The reason he received these circumferential burns was a phenomenon known as "heat sink". His burns were completely circumferential and very uniform, it was as if a line had been drawn on his skin where the burns start and stop. Other firemen quickly figured out that these burns were in the same relative area as his reflective striping would have been when he was wearing his jacket. Whoa. It was later found that this reflective striping has high heat tolerance, so it doesn't melt off of your clothing. Being that it is very resistant it also means that it traps heat, everything does, the higher heat resistance an article of clothing has the longer it will take for heat to dissipate from that article of clothing. In this poor man's case, the striping had a heat resistance of just a bit higher than the rest of the clothing and therefore he was burned only in those places.

We (firefighters) have long known that this can happen but never attributed it to the striping, just the heat in the atmosphere being almost too much for the gear. When you go into the flashover simulator (They create flashover but you and your buddies are at a level about 3 feet lower than the flashover, that equals a safe spot) they say very clearly that you are not to slap a buddy on the back or grab him by the arm as you will compress the clothing over that area and burn your mate.

Now, in the oilfield we have the potential to be exposed to heat sink alot and when it occurs it is very rapid. When fighting a rig fire or "blowout" we often wear coveralls, that's it. We wear the PBI Black Gold Flightsuits with ripstop stitching. The less layers of clothing you are wearing the less likely you are to experience heat sink is the theory. Also, wearing a full fire suit "bunker gear" would cause us to rapidly dehydrate and we would literally steam to death.
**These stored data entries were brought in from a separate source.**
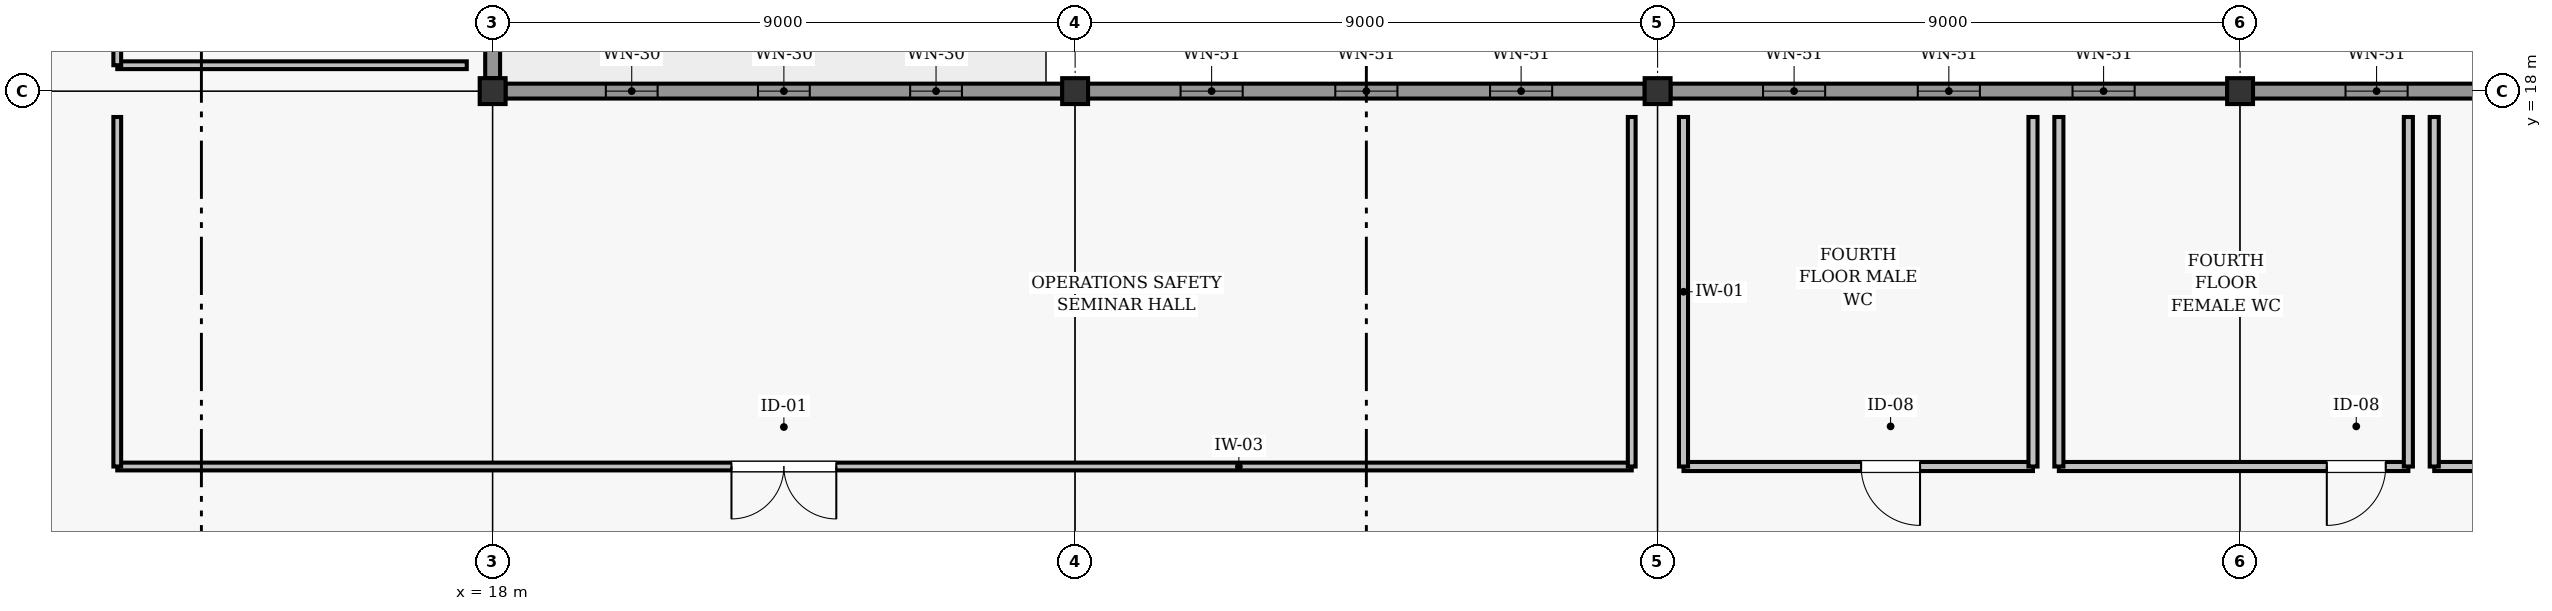
"""IFC4 building model, lengths in metres.
Left out: names, types, materials, properties, quantities, classifications, styles, units other than length and angle.
Written with IfcOpenShell. Run it as: python <this file> out.ifc"""

import sys

from ifc_helpers import new_model, si_unit, direction, frame, frame_2d, origin, origin_2d, place, context, subcontext, project, spatial, rectangle, extrude, element, fill, save


model = new_model("IFC4")
c1 = context("Model", 3, precision=1e-05, world=origin(), true_north=direction((0.0, 1.0)))
c2 = subcontext(c1, "Body", "Model", "MODEL_VIEW")
j1 = project(units=[si_unit("LENGTHUNIT", "METRE"), si_unit("PLANEANGLEUNIT", "RADIAN")], contexts=[c1])
p1 = place(None, origin())
s1 = spatial("IfcSite", under=j1, at=p1, CompositionType="ELEMENT")
p2 = place(p1, origin())
s2 = spatial("IfcBuilding", under=s1, at=p2, CompositionType="ELEMENT")
p3 = place(p2, frame((0.0, 0.0, 15.0)))
s3 = spatial("IfcBuildingStorey", under=s2, at=p3, CompositionType="ELEMENT", Elevation=15.0)
for number, where, z_axis, x_axis in (
    (1, (18.0, 18.0, 0.0), (0.0, 0.0, 1.0), (1.0, 0.0, 0.0)),
    (2, (27.0, 18.0, 0.0), (0.0, 0.0, 1.0), (1.0, 0.0, 0.0)),
    (3, (36.0, 18.0, 0.0), (0.0, 0.0, 1.0), (1.0, 0.0, 0.0)),
    (4, (45.0, 18.0, 0.0), (0.0, 0.0, 1.0), (1.0, 0.0, 0.0)),
):
    element("IfcColumn", number, at=place(p3, frame(where, z_axis=z_axis, x_axis=x_axis)), inside=s3, PredefinedType="COLUMN", context=c2, shape_type="SweptSolid", body=[
        extrude(rectangle(XDim=0.4, YDim=0.4, at=origin_2d()), origin(), (0.0, 0.0, 1.0), 3.0),
    ])
p4 = place(p3, frame((18.198, 18.0, 0.0), z_axis=(0.0, 0.0, 1.0), x_axis=(1.0, 0.0, 0.0)))
e5 = element("IfcWall", 5, at=p4, inside=s3, PredefinedType="SOLIDWALL", context=c2, shape_type="SweptSolid", body=[
    extrude(rectangle(XDim=8.604, YDim=0.23, at=frame_2d((4.302, 0.0))), origin(), (0.0, 0.0, 1.0), 2.242),
])
p5 = place(p4, frame((1.551, 0.0, 1.16)))
e6 = element("IfcOpeningElement", 6, at=p5, cuts=e5, PredefinedType="OPENING", context=c2, shape_type="SweptSolid", body=[
    extrude(rectangle(XDim=0.8, YDim=0.9, at=frame_2d((0.4, 0.45))), frame((0.0, 0.125, 0.0), z_axis=(0.0, -1.0, 0.0), x_axis=(1.0, 0.0, 0.0)), (0.0, 0.0, 1.0), 0.25),
])
p6 = place(p4, frame((3.902, 0.0, 1.16)))
e7 = element("IfcOpeningElement", 7, at=p6, cuts=e5, PredefinedType="OPENING", context=c2, shape_type="SweptSolid", body=[
    extrude(rectangle(XDim=0.8, YDim=0.9, at=frame_2d((0.4, 0.45))), frame((0.0, 0.125, 0.0), z_axis=(0.0, -1.0, 0.0), x_axis=(1.0, 0.0, 0.0)), (0.0, 0.0, 1.0), 0.25),
])
p7 = place(p4, frame((6.253, 0.0, 1.16)))
e8 = element("IfcOpeningElement", 8, at=p7, cuts=e5, PredefinedType="OPENING", context=c2, shape_type="SweptSolid", body=[
    extrude(rectangle(XDim=0.8, YDim=0.9, at=frame_2d((0.4, 0.45))), frame((0.0, 0.125, 0.0), z_axis=(0.0, -1.0, 0.0), x_axis=(1.0, 0.0, 0.0)), (0.0, 0.0, 1.0), 0.25),
])
p8 = place(p3, frame((27.198, 18.0, 0.0), z_axis=(0.0, 0.0, 1.0), x_axis=(1.0, 0.0, 0.0)))
e9 = element("IfcWall", 9, at=p8, inside=s3, PredefinedType="SOLIDWALL", context=c2, shape_type="SweptSolid", body=[
    extrude(rectangle(XDim=8.604, YDim=0.23, at=frame_2d((4.302, 0.0))), origin(), (0.0, 0.0, 1.0), 2.242),
])
p9 = place(p8, frame((1.431, 0.0, 0.8)))
e10 = element("IfcOpeningElement", 10, at=p9, cuts=e9, PredefinedType="OPENING", context=c2, shape_type="SweptSolid", body=[
    extrude(rectangle(XDim=0.96, YDim=1.04, at=frame_2d((0.48, 0.52))), frame((0.0, 0.125, 0.0), z_axis=(0.0, -1.0, 0.0), x_axis=(1.0, 0.0, 0.0)), (0.0, 0.0, 1.0), 0.25),
])
p10 = place(p8, frame((3.822, 0.0, 0.8)))
e11 = element("IfcOpeningElement", 11, at=p10, cuts=e9, PredefinedType="OPENING", context=c2, shape_type="SweptSolid", body=[
    extrude(rectangle(XDim=0.96, YDim=1.04, at=frame_2d((0.48, 0.52))), frame((0.0, 0.125, 0.0), z_axis=(0.0, -1.0, 0.0), x_axis=(1.0, 0.0, 0.0)), (0.0, 0.0, 1.0), 0.25),
])
p11 = place(p8, frame((6.213, 0.0, 0.8)))
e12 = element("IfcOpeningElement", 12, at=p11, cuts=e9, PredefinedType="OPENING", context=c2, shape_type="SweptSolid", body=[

My original point was that there have been many leaps and bounds made since NOMEX, you just have to choose which material is right for you. I do forest firefighting in my PBI's (which are black) and I feel better than wearing older generations of the same material even though the new stuff is about twice as thick. The only time it has ever bothered me is when it is humid and I think clothing in general will bother you when it is humid.

Cheers


----------



## Jungle

Here is an interesting pic I received from a friend. It seems more "green" on this one than the other pics I've seen.


----------



## Jungle

Hmm... my friend specifically said it is the new ACU, and the guy wearing it wears an 82nd AB Div patch. I don't think there is any black in that pattern, it is likely created by shadows.
I thought the new USAF uniform was in tiger stripes ?


----------



## Michael Dorosh

Jungle said:
			
		

> Hmm... my friend specifically said it is the new ACU, and the guy wearing it wears an 82nd AB Div patch. I don't think there is any black in that pattern, it is likely created by shadows.
> I thought the new USAF uniform was in tiger stripes ?



Divisional shoulder sleeve insignia worn on the right hand side indicate former combat service, not current unit.  Do Air Force personnel transferred from the Army continue to wear former unit patches in this manner?


----------



## Jungle

Good question, I searched the USAF site and didn't find anything on combat patches.
Chances are, if the USAF is like our Air Force, they have NO dress regs...


----------



## Michael Dorosh

Jungle said:
			
		

> Good question, I searched the USAF site and didn't find anything on combat patches.
> Chances are, if the USAF is like our Air Force, they have NO dress regs...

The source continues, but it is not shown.